Tout à fait, on a tendance à dire que ces chauves-souris sont des « bombes », qu’elles présentent un « danger », « des risques majeurs », etc. On peut très vite stigmatiser un groupe taxinomique, les chauves-souris aujourd’hui, à cause de ses interactions avec les humains. Mais on ne peut pas dire du jour au lendemain qu’il faut fermer les grottes. Je connais des gens qui balancent de l’insecticide dès qu’ils trouvent des chauves-souris derrière leurs volets. C’est quand même un problème de connaissances. Ceci dit, le fait qu’on soit averti que les chauves-souris sont porteuses de virus peut aider à ce qu’on n’aille pas les embêter.



Pourquoi accuse-t-on les chauves-souris chinoises d’être le foyer du coronavirus ?

Dans ce genre de cas, des séquences du virus sont réalisées puis comparées pour voir de quel virus animal il est proche. Ce qui a été montré est la grande proximité entre le virus retrouvé chez l’humain et celui porté par des chauves-souris. À partir du moment où il y a une socialité importante — les chauves-souris vivent généralement en colonies —, un pathogène peut plus facilement se transmettre d’un individu à un autre. En plus, elles vont exploiter des gites, des grottes par exemple, où il peut y avoir plusieurs espèces. Là aussi, si une espèce est plus susceptible de porter un virus, elle contaminera plus facilement les autres.

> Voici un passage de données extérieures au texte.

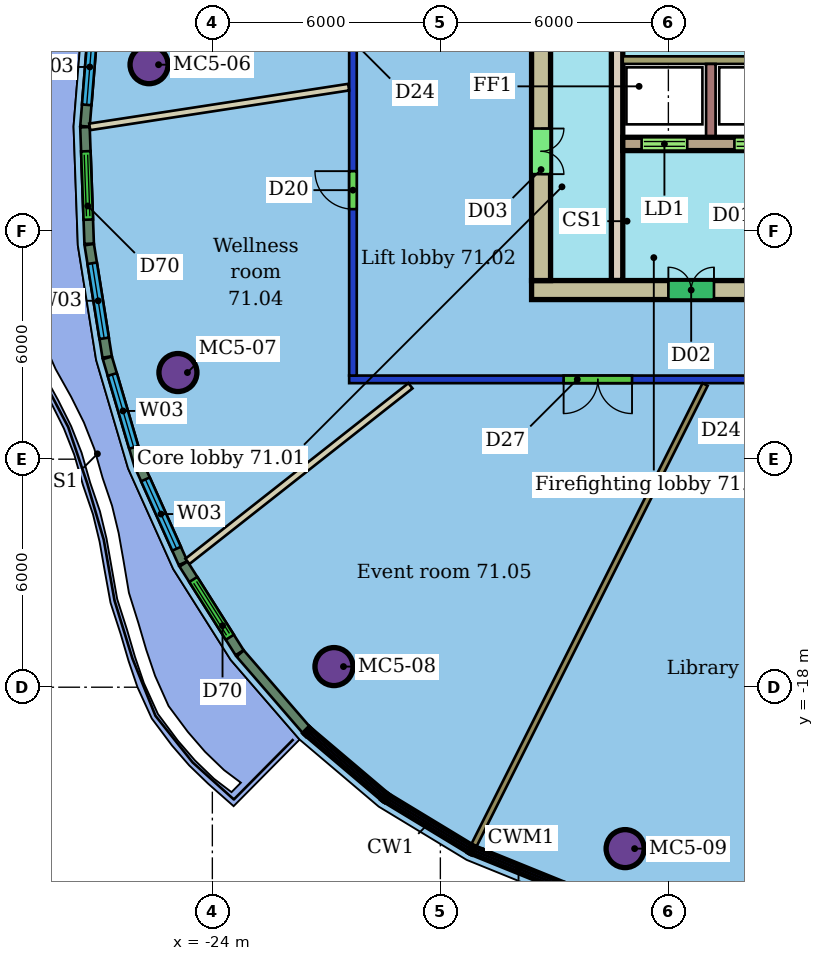
"""IFC4 building model, lengths in metres.
Left out: names, types, materials, properties, quantities, classifications, styles, units other than length and angle.
Written with IfcOpenShell. Run it as: python <this file> out.ifc"""

import sys

from ifc_helpers import new_model, si_unit, direction, frame, frame_2d, origin, origin_2d, place, context, subcontext, project, spatial, rectangle, hollow_circle, extrude, element, fill, save


model = new_model("IFC4")
c1 = context("Model", 3, precision=1e-05, world=origin(), true_north=direction((0.0, 1.0)))
c2 = subcontext(c1, "Body", "Model", "MODEL_VIEW")
j1 = project(units=[si_unit("LENGTHUNIT", "METRE"), si_unit("PLANEANGLEUNIT", "RADIAN")], contexts=[c1])
p1 = place(None, origin())
s1 = spatial("IfcSite", under=j1, at=p1, CompositionType="ELEMENT")
p2 = place(p1, origin())
s2 = spatial("IfcBuilding", under=s1, at=p2, CompositionType="ELEMENT")
p3 = place(p2, frame((0.0, 0.0, 286.5)))
s3 = spatial("IfcBuildingStorey", under=s2, at=p3, CompositionType="ELEMENT", Elevation=286.5)
for number, where, z_axis, x_axis in (
    (1, (-25.666, -1.62, 0.0), (0.0, 0.0, 1.0), (1.0, 0.0, 0.0)),
    (2, (-24.906, -9.72, 0.0), (0.0, 0.0, 1.0), (1.0, 0.0, 0.0)),
    (3, (-20.8, -17.457, 0.0), (0.0, 0.0, 1.0), (1.0, 0.0, 0.0)),
    (4, (-13.138, -22.247, 0.0), (0.0, 0.0, 1.0), (1.0, 0.0, 0.0)),
):
    element("IfcColumn", number, at=place(p3, frame(where, z_axis=z_axis, x_axis=x_axis)), inside=s3, PredefinedType="COLUMN", context=c2, shape_type="SweptSolid", body=[
        extrude(hollow_circle(Radius=0.5, WallThickness=0.04, at=origin_2d()), origin(), (0.0, 0.0, 1.0), 3.45),
    ])
p4 = place(p3, frame((8.4, -9.9, 0.0), z_axis=(0.0, 0.0, 1.0), x_axis=(-1.0, 0.0, 0.0)))
e5 = element("IfcWall", 5, at=p4, inside=s3, PredefinedType="PARTITIONING", context=c2, shape_type="SweptSolid", body=[
    extrude(rectangle(XDim=28.8, YDim=0.2, at=frame_2d((14.4, 0.0))), origin(), (0.0, 0.0, 1.0), 3.1),
])
p5 = place(p4, frame((21.356, 0.0, 0.0)))
e6 = element("IfcOpeningElement", 6, at=p5, cuts=e5, PredefinedType="OPENING", context=c2, shape_type="SweptSolid", body=[
    extrude(rectangle(XDim=1.8, YDim=2.4, at=frame_2d((0.9, 1.2))), frame((0.0, 0.11, 0.0), z_axis=(0.0, -1.0, 0.0), x_axis=(1.0, 0.0, 0.0)), (0.0, 0.0, 1.0), 0.22),
])
p6 = place(p4, frame((16.027, 0.0, 0.0)))
e7 = element("IfcOpeningElement", 7, at=p6, cuts=e5, PredefinedType="OPENING", context=c2, shape_type="SweptSolid", body=[
    extrude(rectangle(XDim=1.5, YDim=2.1, at=frame_2d((0.75, 1.05))), frame((0.0, 0.11, 0.0), z_axis=(0.0, -1.0, 0.0), x_axis=(1.0, 0.0, 0.0)), (0.0, 0.0, 1.0), 0.22),
])
p7 = place(p4, frame((8.479, 0.0, 0.0)))
e8 = element("IfcOpeningElement", 8, at=p7, cuts=e5, PredefinedType="OPENING", context=c2, shape_type="SweptSolid", body=[
    extrude(rectangle(XDim=0.9, YDim=2.1, at=frame_2d((0.45, 1.05))), frame((0.0, 0.11, 0.0), z_axis=(0.0, -1.0, 0.0), x_axis=(1.0, 0.0, 0.0)), (0.0, 0.0, 1.0), 0.22),
])
p8 = place(p3, frame((-20.3, -9.8, 0.0), z_axis=(0.0, 0.0, 1.0), x_axis=(0.0, 1.0, 0.0)))
e9 = element("IfcWall", 9, at=p8, inside=s3, PredefinedType="PARTITIONING", context=c2, shape_type="SweptSolid", body=[
    extrude(rectangle(XDim=19.6, YDim=0.2, at=frame_2d((9.8, 0.0))), origin(), (0.0, 0.0, 1.0), 3.1),
])
p9 = place(p8, frame((8.643, 0.0, 0.0)))
e10 = element("IfcOpeningElement", 10, at=p9, cuts=e9, PredefinedType="OPENING", context=c2, shape_type="SweptSolid", body=[
    extrude(rectangle(XDim=1.5, YDim=2.1, at=frame_2d((0.75, 1.05))), frame((0.0, 0.11, 0.0), z_axis=(0.0, -1.0, 0.0), x_axis=(1.0, 0.0, 0.0)), (0.0, 0.0, 1.0), 0.22),
])
p10 = place(p8, frame((4.379, 0.0, 0.0)))
e11 = element("IfcOpeningElement", 11, at=p10, cuts=e9, PredefinedType="OPENING", context=c2, shape_type="SweptSolid", body=[
    extrude(rectangle(XDim=1.0, YDim=2.1, at=frame_2d((0.5, 1.05))), frame((0.0, 0.11, 0.0), z_axis=(0.0, -1.0, 0.0), x_axis=(1.0, 0.0, 0.0)), (0.0, 0.0, 1.0), 0.22),
])
p11 = place(p3, frame((-27.228, -3.256, 0.0), z_axis=(0.0, 0.0, 1.0), x_axis=(0.988435478187, 0.151642030654, 0.0)))
e12 = element("IfcWall", 12, at=p11, inside=s3, PredefinedType="PARTITIONING", context=c2, shape_type="SweptSolid", body=[
    extrude(rectangle(XDim=6.894, YDim=0.175, at=frame_2d((3.447, 0.0))), origin(), (0.0, 0.0, 1.0), 3.45),
])
p12 = place(p3, frame((-24.656, -14.689, 0.0), z_axis=(0.0, 0.0, 1.0), x_axis=(0.785692916709, 0.618616715449, 0.0)))
e13 = element("IfcWall", 13, at=p12, inside=s3, PredefinedType="PARTITIONING", context=c2, shape_type="SweptSolid", body=[
    extrude(rectangle(XDim=7.469, YDim=0.175, at=frame_2d((3.734, 0.0))), origin(), (0.0, 0.0, 1.0), 3.45),
])
p13 = place(p3, frame((-17.118, -22.163, 0.0), z_axis=(0.0, 0.0, 1.0), x_axis=(0.448386215015, 0.893839919776, 0.0)))
e14 = element("IfcWall", 14, at=p13, inside=s3, PredefinedType="PARTITIONING", context=c2, shape_type="SweptSolid", body=[
    extrude(rectangle(XDim=13.57, YDim=0.15, at=frame_2d((6.785, 0.0))), origin(), (0.0, 0.0, 1.0), 3.45),
])
p14 = place(p3, frame((-27.098, -0.118, 0.0), z_axis=(0.0, 0.0, 1.0), x_axis=(-0.080847238515, -0.996726504125, 0.0)))
e15 = element("IfcWall", 15, at=p14, inside=s3, PredefinedType="SOLIDWALL", context=c2, shape_type="SweptSolid", body=[
    extrude(rectangle(XDim=3.135, YDim=0.25, at=frame_2d((1.567, 0.0))), origin(), (0.0, 0.0, 1.0), 3.15),
])
p15 = place(p14, frame((0.567, 0.0, 0.9)))
e16 = element("IfcOpeningElement", 16, at=p15, cuts=e15, PredefinedType="OPENING", context=c2, shape_type="SweptSolid", body=[
    extrude(rectangle(XDim=2.0, YDim=2.1, at=frame_2d((1.0, 1.05))), frame((0.0, 0.135, 0.0), z_axis=(0.0, -1.0, 0.0), x_axis=(1.0, 0.0, 0.0)), (0.0, 0.0, 1.0), 0.27),
])
p16 = place(p3, frame((-27.352, -3.265, 0.0), z_axis=(0.0, 0.0, 1.0), x_axis=(0.035961121069, -0.999353189704, 0.0)))
e17 = element("IfcWall", 17, at=p16, inside=s3, PredefinedType="SOLIDWALL", context=c2, shape_type="SweptSolid", body=[
    extrude(rectangle(XDim=3.069, YDim=0.25, at=frame_2d((1.534, 0.0))), origin(), (0.0, 0.0, 1.0), 3.15),
])
p17 = place(p16, frame((0.634, 0.0, 0.0)))
e18 = element("IfcOpeningElement", 18, at=p17, cuts=e17, PredefinedType="OPENING", context=c2, shape_type="SweptSolid", body=[
    extrude(rectangle(XDim=1.8, YDim=2.4, at=frame_2d((0.9, 1.2))), frame((0.0, 0.135, 0.0), z_axis=(0.0, -1.0, 0.0), x_axis=(1.0, 0.0, 0.0)), (0.0, 0.0, 1.0), 0.27),
])
p18 = place(p3, frame((-27.24, -6.354, 0.0), z_axis=(0.0, 0.0, 1.0), x_axis=(0.157503758702, -0.987518387674, 0.0)))
e19 = element("IfcWall", 19, at=p18, inside=s3, PredefinedType="SOLIDWALL", context=c2, shape_type="SweptSolid", body=[
    extrude(rectangle(XDim=2.993, YDim=0.25, at=frame_2d((1.497, 0.0))), origin(), (0.0, 0.0, 1.0), 3.15),
])
p19 = place(p18, frame((0.497, 0.0, 0.9)))
e20 = element("IfcOpeningElement", 20, at=p19, cuts=e19, PredefinedType="OPENING", context=c2, shape_type="SweptSolid", body=[
    extrude(rectangle(XDim=2.0, YDim=2.1, at=frame_2d((1.0, 1.05))), frame((0.0, 0.135, 0.0), z_axis=(0.0, -1.0, 0.0), x_axis=(1.0, 0.0, 0.0)), (0.0, 0.0, 1.0), 0.27),
])
p20 = place(p3, frame((-26.763, -9.333, 0.0), z_axis=(0.0, 0.0, 1.0), x_axis=(0.282592797693, -0.959239965124, 0.0)))
e21 = element("IfcWall", 21, at=p20, inside=s3, PredefinedType="SOLIDWALL", context=c2, shape_type="SweptSolid", body=[
    extrude(rectangle(XDim=2.913, YDim=0.25, at=frame_2d((1.457, 0.0))), origin(), (0.0, 0.0, 1.0), 3.15),
])
p21 = place(p20, frame((0.457, 0.0, 0.9)))
e22 = element("IfcOpeningElement", 22, at=p21, cuts=e21, PredefinedType="OPENING", context=c2, shape_type="SweptSolid", body=[
    extrude(rectangle(XDim=2.0, YDim=2.1, at=frame_2d((1.0, 1.05))), frame((0.0, 0.135, 0.0), z_axis=(0.0, -1.0, 0.0), x_axis=(1.0, 0.0, 0.0)), (0.0, 0.0, 1.0), 0.27),
])
p22 = place(p3, frame((-25.931, -12.151, 0.0), z_axis=(0.0, 0.0, 1.0), x_axis=(0.409357706151, -0.91237397399, 0.0)))
e23 = element("IfcWall", 23, at=p22, inside=s3, PredefinedType="SOLIDWALL", context=c2, shape_type="SweptSolid", body=[
    extrude(rectangle(XDim=2.833, YDim=0.25, at=frame_2d((1.417, 0.0))), origin(), (0.0, 0.0, 1.0), 3.15),
])
p23 = place(p22, frame((0.417, 0.0, 0.9)))
e24 = element("IfcOpeningElement", 24, at=p23, cuts=e23, PredefinedType="OPENING", context=c2, shape_type="SweptSolid", body=[
    extrude(rectangle(XDim=2.0, YDim=2.1, at=frame_2d((1.0, 1.05))), frame((0.0, 0.135, 0.0), z_axis=(0.0, -1.0, 0.0), x_axis=(1.0, 0.0, 0.0)), (0.0, 0.0, 1.0), 0.27),
])
p24 = place(p3, frame((-24.759, -14.759, 0.0), z_axis=(0.0, 0.0, 1.0), x_axis=(0.534618506931, -0.845093516747, 0.0)))
e25 = element("IfcWall", 25, at=p24, inside=s3, PredefinedType="SOLIDWALL", context=c2, shape_type="SweptSolid", body=[
    extrude(rectangle(XDim=2.76, YDim=0.25, at=frame_2d((1.38, 0.0))), origin(), (0.0, 0.0, 1.0), 3.15),
])
p25 = place(p24, frame((0.48, 0.0, 0.0)))
e26 = element("IfcOpeningElement", 26, at=p25, cuts=e25, PredefinedType="OPENING", context=c2, shape_type="SweptSolid", body=[
    extrude(rectangle(XDim=1.8, YDim=2.4, at=frame_2d((0.9, 1.2))), frame((0.0, 0.135, 0.0), z_axis=(0.0, -1.0, 0.0), x_axis=(1.0, 0.0, 0.0)), (0.0, 0.0, 1.0), 0.27),
])
p26 = place(p3, frame((-23.267, -17.113, 0.0), z_axis=(0.0, 0.0, 1.0), x_axis=(0.654220123959, -0.756304191055, 0.0)))
e27 = element("IfcWall", 27, at=p26, inside=s3, PredefinedType="SOLIDWALL", context=c2, shape_type="SweptSolid", body=[
    extrude(rectangle(XDim=2.657, YDim=0.25, at=frame_2d((1.329, 0.0))), origin(), (0.0, 0.0, 1.0), 3.15),
])
p27 = place(p3, frame((-15.6, -7.55, 0.0), z_axis=(0.0, 0.0, 1.0), x_axis=(1.0, 0.0, 0.0)))
e28 = element("IfcWall", 28, at=p27, inside=s3, PredefinedType="SHEAR", context=c2, shape_type="SweptSolid", body=[
    extrude(rectangle(XDim=19.2, YDim=0.5, at=frame_2d((9.6, 0.0))), origin(), (0.0, 0.0, 1.0), 3.3),
])
p28 = place(p27, frame((3.6, 0.0, 0.0)))
e29 = element("IfcOpeningElement", 29, at=p28, cuts=e28, PredefinedType="OPENING", context=c2, shape_type="SweptSolid", body=[
    extrude(rectangle(XDim=1.2, YDim=2.1, at=frame_2d((0.6, 1.05))), frame((0.0, 0.26, 0.0), z_axis=(0.0, -1.0, 0.0), x_axis=(1.0, 0.0, 0.0)), (0.0, 0.0, 1.0), 0.52),
])
p29 = place(p3, frame((-15.35, 7.3, 0.0), z_axis=(0.0, 0.0, 1.0), x_axis=(0.0, -1.0, 0.0)))
e30 = element("IfcWall", 30, at=p29, inside=s3, PredefinedType="SHEAR", context=c2, shape_type="SweptSolid", body=[
    extrude(rectangle(XDim=14.6, YDim=0.5, at=frame_2d((7.3, 0.0))), origin(), (0.0, 0.0, 1.0), 3.3),
])
p30 = place(p29, frame((10.6, 0.0, 0.0)))
e31 = element("IfcOpeningElement", 31, at=p30, cuts=e30, PredefinedType="OPENING", context=c2, shape_type="SweptSolid", body=[
    extrude(rectangle(XDim=1.2, YDim=2.1, at=frame_2d((0.6, 1.05))), frame((0.0, 0.26, 0.0), z_axis=(0.0, -1.0, 0.0), x_axis=(1.0, 0.0, 0.0)), (0.0, 0.0, 1.0), 0.52),
])
p31 = place(p29, frame((2.8, 0.0, 0.0)))
e32 = element("IfcOpeningElement", 32, at=p31, cuts=e30, PredefinedType="OPENING", context=c2, shape_type="SweptSolid", body=[
    extrude(rectangle(XDim=1.2, YDim=2.1, at=frame_2d((0.6, 1.05))), frame((0.0, 0.26, 0.0), z_axis=(0.0, -1.0, 0.0), x_axis=(1.0, 0.0, 0.0)), (0.0, 0.0, 1.0), 0.52),
])
p32 = place(p3, frame((-13.2, -3.705, 0.0), z_axis=(0.0, 0.0, 1.0), x_axis=(1.0, 0.0, 0.0)))
e33 = element("IfcWall", 33, at=p32, inside=s3, PredefinedType="SHEAR", context=c2, shape_type="SweptSolid", body=[
    extrude(rectangle(XDim=7.2, YDim=0.35, at=frame_2d((3.6, 0.0))), origin(), (0.0, 0.0, 1.0), 3.3),
])
p33 = place(p32, frame((0.496, 0.0, 0.0)))
e34 = element("IfcOpeningElement", 34, at=p33, cuts=e33, PredefinedType="OPENING", context=c2, shape_type="SweptSolid", body=[
    extrude(rectangle(XDim=1.2, YDim=2.1, at=frame_2d((0.6, 1.05))), frame((0.0, 0.185, 0.0), z_axis=(0.0, -1.0, 0.0), x_axis=(1.0, 0.0, 0.0)), (0.0, 0.0, 1.0), 0.37),
])
p34 = place(p32, frame((2.938, 0.0, 0.0)))
e35 = element("IfcOpeningElement", 35, at=p34, cuts=e33, PredefinedType="OPENING", context=c2, shape_type="SweptSolid", body=[
    extrude(rectangle(XDim=1.2, YDim=2.1, at=frame_2d((0.6, 1.05))), frame((0.0, 0.185, 0.0), z_axis=(0.0, -1.0, 0.0), x_axis=(1.0, 0.0, 0.0)), (0.0, 0.0, 1.0), 0.37),
])
p35 = place(p3, frame((-13.35, 7.3, 0.0), z_axis=(0.0, 0.0, 1.0), x_axis=(0.0, -1.0, 0.0)))
e36 = element("IfcWall", 36, at=p35, inside=s3, PredefinedType="SHEAR", context=c2, shape_type="SweptSolid", body=[
    extrude(rectangle(XDim=14.6, YDim=0.3, at=frame_2d((7.3, 0.0))), origin(), (0.0, 0.0, 1.0), 3.3),
])
p36 = place(p35, frame((6.55, 0.0, 0.0)))
e37 = element("IfcOpeningElement", 37, at=p36, cuts=e36, PredefinedType="OPENING", context=c2, shape_type="SweptSolid", body=[
    extrude(rectangle(XDim=1.5, YDim=2.1, at=frame_2d((0.75, 1.05))), frame((0.0, 0.16, 0.0), z_axis=(0.0, -1.0, 0.0), x_axis=(1.0, 0.0, 0.0)), (0.0, 0.0, 1.0), 0.32),
])
p37 = place(p3, frame((1.2, -1.5, 0.0), z_axis=(0.0, 0.0, 1.0), x_axis=(-1.0, 0.0, 0.0)))
e38 = element("IfcWall", 38, at=p37, inside=s3, PredefinedType="SHEAR", context=c2, shape_type="SweptSolid", body=[
    extrude(rectangle(XDim=14.4, YDim=0.2, at=frame_2d((7.2, 0.0))), origin(), (0.0, 0.0, 1.0), 3.3),
])
p38 = place(p37, frame((7.821, 0.0, 0.0)))
e39 = element("IfcOpeningElement", 39, at=p38, cuts=e38, PredefinedType="OPENING", context=c2, shape_type="SweptSolid", body=[
    extrude(rectangle(XDim=1.2, YDim=2.1, at=frame_2d((0.6, 1.05))), frame((0.0, 0.11, 0.0), z_axis=(0.0, -1.0, 0.0), x_axis=(1.0, 0.0, 0.0)), (0.0, 0.0, 1.0), 0.22),
])
p39 = place(p37, frame((0.546, 0.0, 0.0)))
e40 = element("IfcOpeningElement", 40, at=p39, cuts=e38, PredefinedType="OPENING", context=c2, shape_type="SweptSolid", body=[
    extrude(rectangle(XDim=1.1, YDim=2.1, at=frame_2d((0.55, 1.05))), frame((0.0, 0.11, 0.0), z_axis=(0.0, -1.0, 0.0), x_axis=(1.0, 0.0, 0.0)), (0.0, 0.0, 1.0), 0.22),
])
p40 = place(p37, frame((2.592, 0.0, 0.0)))
e41 = element("IfcOpeningElement", 41, at=p40, cuts=e38, PredefinedType="OPENING", context=c2, shape_type="SweptSolid", body=[
    extrude(rectangle(XDim=0.9, YDim=2.1, at=frame_2d((0.45, 1.05))), frame((0.0, 0.11, 0.0), z_axis=(0.0, -1.0, 0.0), x_axis=(1.0, 0.0, 0.0)), (0.0, 0.0, 1.0), 0.22),
])
p41 = place(p3, frame((-10.883, -1.6, 0.0), z_axis=(0.0, 0.0, 1.0), x_axis=(0.0, -1.0, 0.0)))
e42 = element("IfcWall", 42, at=p41, inside=s3, PredefinedType="SHEAR", context=c2, shape_type="SweptSolid", body=[
    extrude(rectangle(XDim=1.93, YDim=0.25, at=frame_2d((0.965, 0.0))), origin(), (0.0, 0.0, 1.0), 3.3),
])
p42 = place(p10, origin())
e43 = element("IfcDoor", 43, at=p42, inside=s3, OperationType="SINGLE_SWING_RIGHT", PredefinedType="DOOR", context=c2, shape_type="SweptSolid", body=[
    extrude(rectangle(XDim=1.0, YDim=2.1, at=frame_2d((0.5, 1.05))), frame((0.0, 0.025, 0.0), z_axis=(0.0, -1.0, 0.0), x_axis=(1.0, 0.0, 0.0)), (0.0, 0.0, 1.0), 0.05),
])
fill(e11, e43)
p43 = place(p5, origin())
e44 = element("IfcDoor", 44, at=p43, inside=s3, OperationType="DOUBLE_DOOR_SINGLE_SWING", PredefinedType="DOOR", context=c2, shape_type="SweptSolid", body=[
    extrude(rectangle(XDim=1.8, YDim=2.4, at=frame_2d((0.9, 1.2))), frame((0.0, 0.025, 0.0), z_axis=(0.0, -1.0, 0.0), x_axis=(1.0, 0.0, 0.0)), (0.0, 0.0, 1.0), 0.05),
])
fill(e6, e44)
p44 = place(p15, origin())
e45 = element("IfcWindow", 45, at=p44, inside=s3, PartitioningType="SINGLE_PANEL", PredefinedType="WINDOW", context=c2, shape_type="SweptSolid", body=[
    extrude(rectangle(XDim=2.0, YDim=2.1, at=frame_2d((1.0, 1.05))), frame((0.0, 0.03, 0.0), z_axis=(0.0, -1.0, 0.0), x_axis=(1.0, 0.0, 0.0)), (0.0, 0.0, 1.0), 0.06),
])
fill(e16, e45)
p45 = place(p17, origin())
e46 = element("IfcDoor", 46, at=p45, inside=s3, OperationType="DOUBLE_DOOR_SLIDING", PredefinedType="DOOR", context=c2, shape_type="SweptSolid", body=[
    extrude(rectangle(XDim=1.8, YDim=2.4, at=frame_2d((0.9, 1.2))), frame((0.0, 0.025, 0.0), z_axis=(0.0, -1.0, 0.0), x_axis=(1.0, 0.0, 0.0)), (0.0, 0.0, 1.0), 0.05),
])
fill(e18, e46)
p46 = place(p19, origin())
e47 = element("IfcWindow", 47, at=p46, inside=s3, PartitioningType="SINGLE_PANEL", PredefinedType="WINDOW", context=c2, shape_type="SweptSolid", body=[
    extrude(rectangle(XDim=2.0, YDim=2.1, at=frame_2d((1.0, 1.05))), frame((0.0, 0.03, 0.0), z_axis=(0.0, -1.0, 0.0), x_axis=(1.0, 0.0, 0.0)), (0.0, 0.0, 1.0), 0.06),
])
fill(e20, e47)
p47 = place(p21, origin())
e48 = element("IfcWindow", 48, at=p47, inside=s3, PartitioningType="SINGLE_PANEL", PredefinedType="WINDOW", context=c2, shape_type="SweptSolid", body=[
    extrude(rectangle(XDim=2.0, YDim=2.1, at=frame_2d((1.0, 1.05))), frame((0.0, 0.03, 0.0), z_axis=(0.0, -1.0, 0.0), x_axis=(1.0, 0.0, 0.0)), (0.0, 0.0, 1.0), 0.06),
])
fill(e22, e48)
p48 = place(p23, origin())
e49 = element("IfcWindow", 49, at=p48, inside=s3, PartitioningType="SINGLE_PANEL", PredefinedType="WINDOW", context=c2, shape_type="SweptSolid", body=[
    extrude(rectangle(XDim=2.0, YDim=2.1, at=frame_2d((1.0, 1.05))), frame((0.0, 0.03, 0.0), z_axis=(0.0, -1.0, 0.0), x_axis=(1.0, 0.0, 0.0)), (0.0, 0.0, 1.0), 0.06),
])
fill(e24, e49)
p49 = place(p25, origin())
e50 = element("IfcDoor", 50, at=p49, inside=s3, OperationType="DOUBLE_DOOR_SLIDING", PredefinedType="DOOR", context=c2, shape_type="SweptSolid", body=[
    extrude(rectangle(XDim=1.8, YDim=2.4, at=frame_2d((0.9, 1.2))), frame((0.0, 0.025, 0.0), z_axis=(0.0, -1.0, 0.0), x_axis=(1.0, 0.0, 0.0)), (0.0, 0.0, 1.0), 0.05),
])
fill(e26, e50)
p50 = place(p28, origin())
e51 = element("IfcDoor", 51, at=p50, inside=s3, OperationType="DOUBLE_DOOR_SINGLE_SWING", PredefinedType="NOTDEFINED", context=c2, shape_type="SweptSolid", body=[
    extrude(rectangle(XDim=1.2, YDim=2.1, at=frame_2d((0.6, 1.05))), frame((0.0, 0.025, 0.0), z_axis=(0.0, -1.0, 0.0), x_axis=(1.0, 0.0, 0.0)), (0.0, 0.0, 1.0), 0.05),
])
fill(e29, e51)
p51 = place(p30, origin())
e52 = element("IfcDoor", 52, at=p51, inside=s3, OperationType="DOUBLE_DOOR_SINGLE_SWING", PredefinedType="NOTDEFINED", context=c2, shape_type="SweptSolid", body=[
    extrude(rectangle(XDim=1.2, YDim=2.1, at=frame_2d((0.6, 1.05))), frame((0.0, 0.025, 0.0), z_axis=(0.0, -1.0, 0.0), x_axis=(1.0, 0.0, 0.0)), (0.0, 0.0, 1.0), 0.05),
])
fill(e31, e52)
p52 = place(p33, origin())
e53 = element("IfcDoor", 53, at=p52, inside=s3, OperationType="DOUBLE_DOOR_SLIDING", PredefinedType="NOTDEFINED", context=c2, shape_type="SweptSolid", body=[
    extrude(rectangle(XDim=1.2, YDim=2.1, at=frame_2d((0.6, 1.05))), frame((0.0, 0.025, 0.0), z_axis=(0.0, -1.0, 0.0), x_axis=(1.0, 0.0, 0.0)), (0.0, 0.0, 1.0), 0.05),
])
fill(e34, e53)
p53 = place(p34, origin())
e54 = element("IfcDoor", 54, at=p53, inside=s3, OperationType="DOUBLE_DOOR_SLIDING", PredefinedType="NOTDEFINED", context=c2, shape_type="SweptSolid", body=[
    extrude(rectangle(XDim=1.2, YDim=2.1, at=frame_2d((0.6, 1.05))), frame((0.0, 0.025, 0.0), z_axis=(0.0, -1.0, 0.0), x_axis=(1.0, 0.0, 0.0)), (0.0, 0.0, 1.0), 0.05),
])
fill(e35, e54)
save(model, sys.argv[1])

Ce comportement social au sein d’une même espèce et ce comportement sympatrique — le partage de la même zone d’habitat entre différentes espèces — peuvent expliquer la transmission du virus. Il y aurait aussi une particularité du génome des chauves-souris qui hébergent ces virus : elles ne sont pas malades, surement grâce à leur système immunitaire qui permet cette coexistence. Il a dû y avoir des processus de coévolution entre les chauves-souris et certains groupes de virus.



Sans contact avec les humains, pas de transmission possible. Comment l’activité humaine en Chine peut-elle favoriser la propagation d’un tel virus ?

Cette histoire est assez exemplaire des conséquences de l’[anthropisation|La modification d’un milieu dit « naturel » par les activités humaines.]. Les humains vont partout, sont en contact accru avec la faune sauvage. Si des chauves-souris étaient présentes sur le marché de Wuhan, ça veut dire qu’il y a des personnes qui les ont chassées, manipulées. Les risques de transmission sont alors plus grands.

Les humains vont partout, sont en contact accru avec la faune sauvage.

Il semblerait que dans les facteurs explicatifs des chutes de populations de chauves-souris en Chine, il y aurait le dérangement des zones de nidification à cause des transformations touristiques de beaucoup de grottes. Il est intéressant de se reposer la question des rapports entre les humains et la nature. Quand on déforeste, on va au contact de certains animaux : ce ne sont pas uniquement les animaux qui ont parfois des fonctionnements perturbant des activités humaines. Ce sont aussi les humains, par l’extension de leurs activités, qui perturbent fortement le comportement d’animaux. Et rentrent en contact avec certains d’entre eux alors qu’ils n’auraient pas dû.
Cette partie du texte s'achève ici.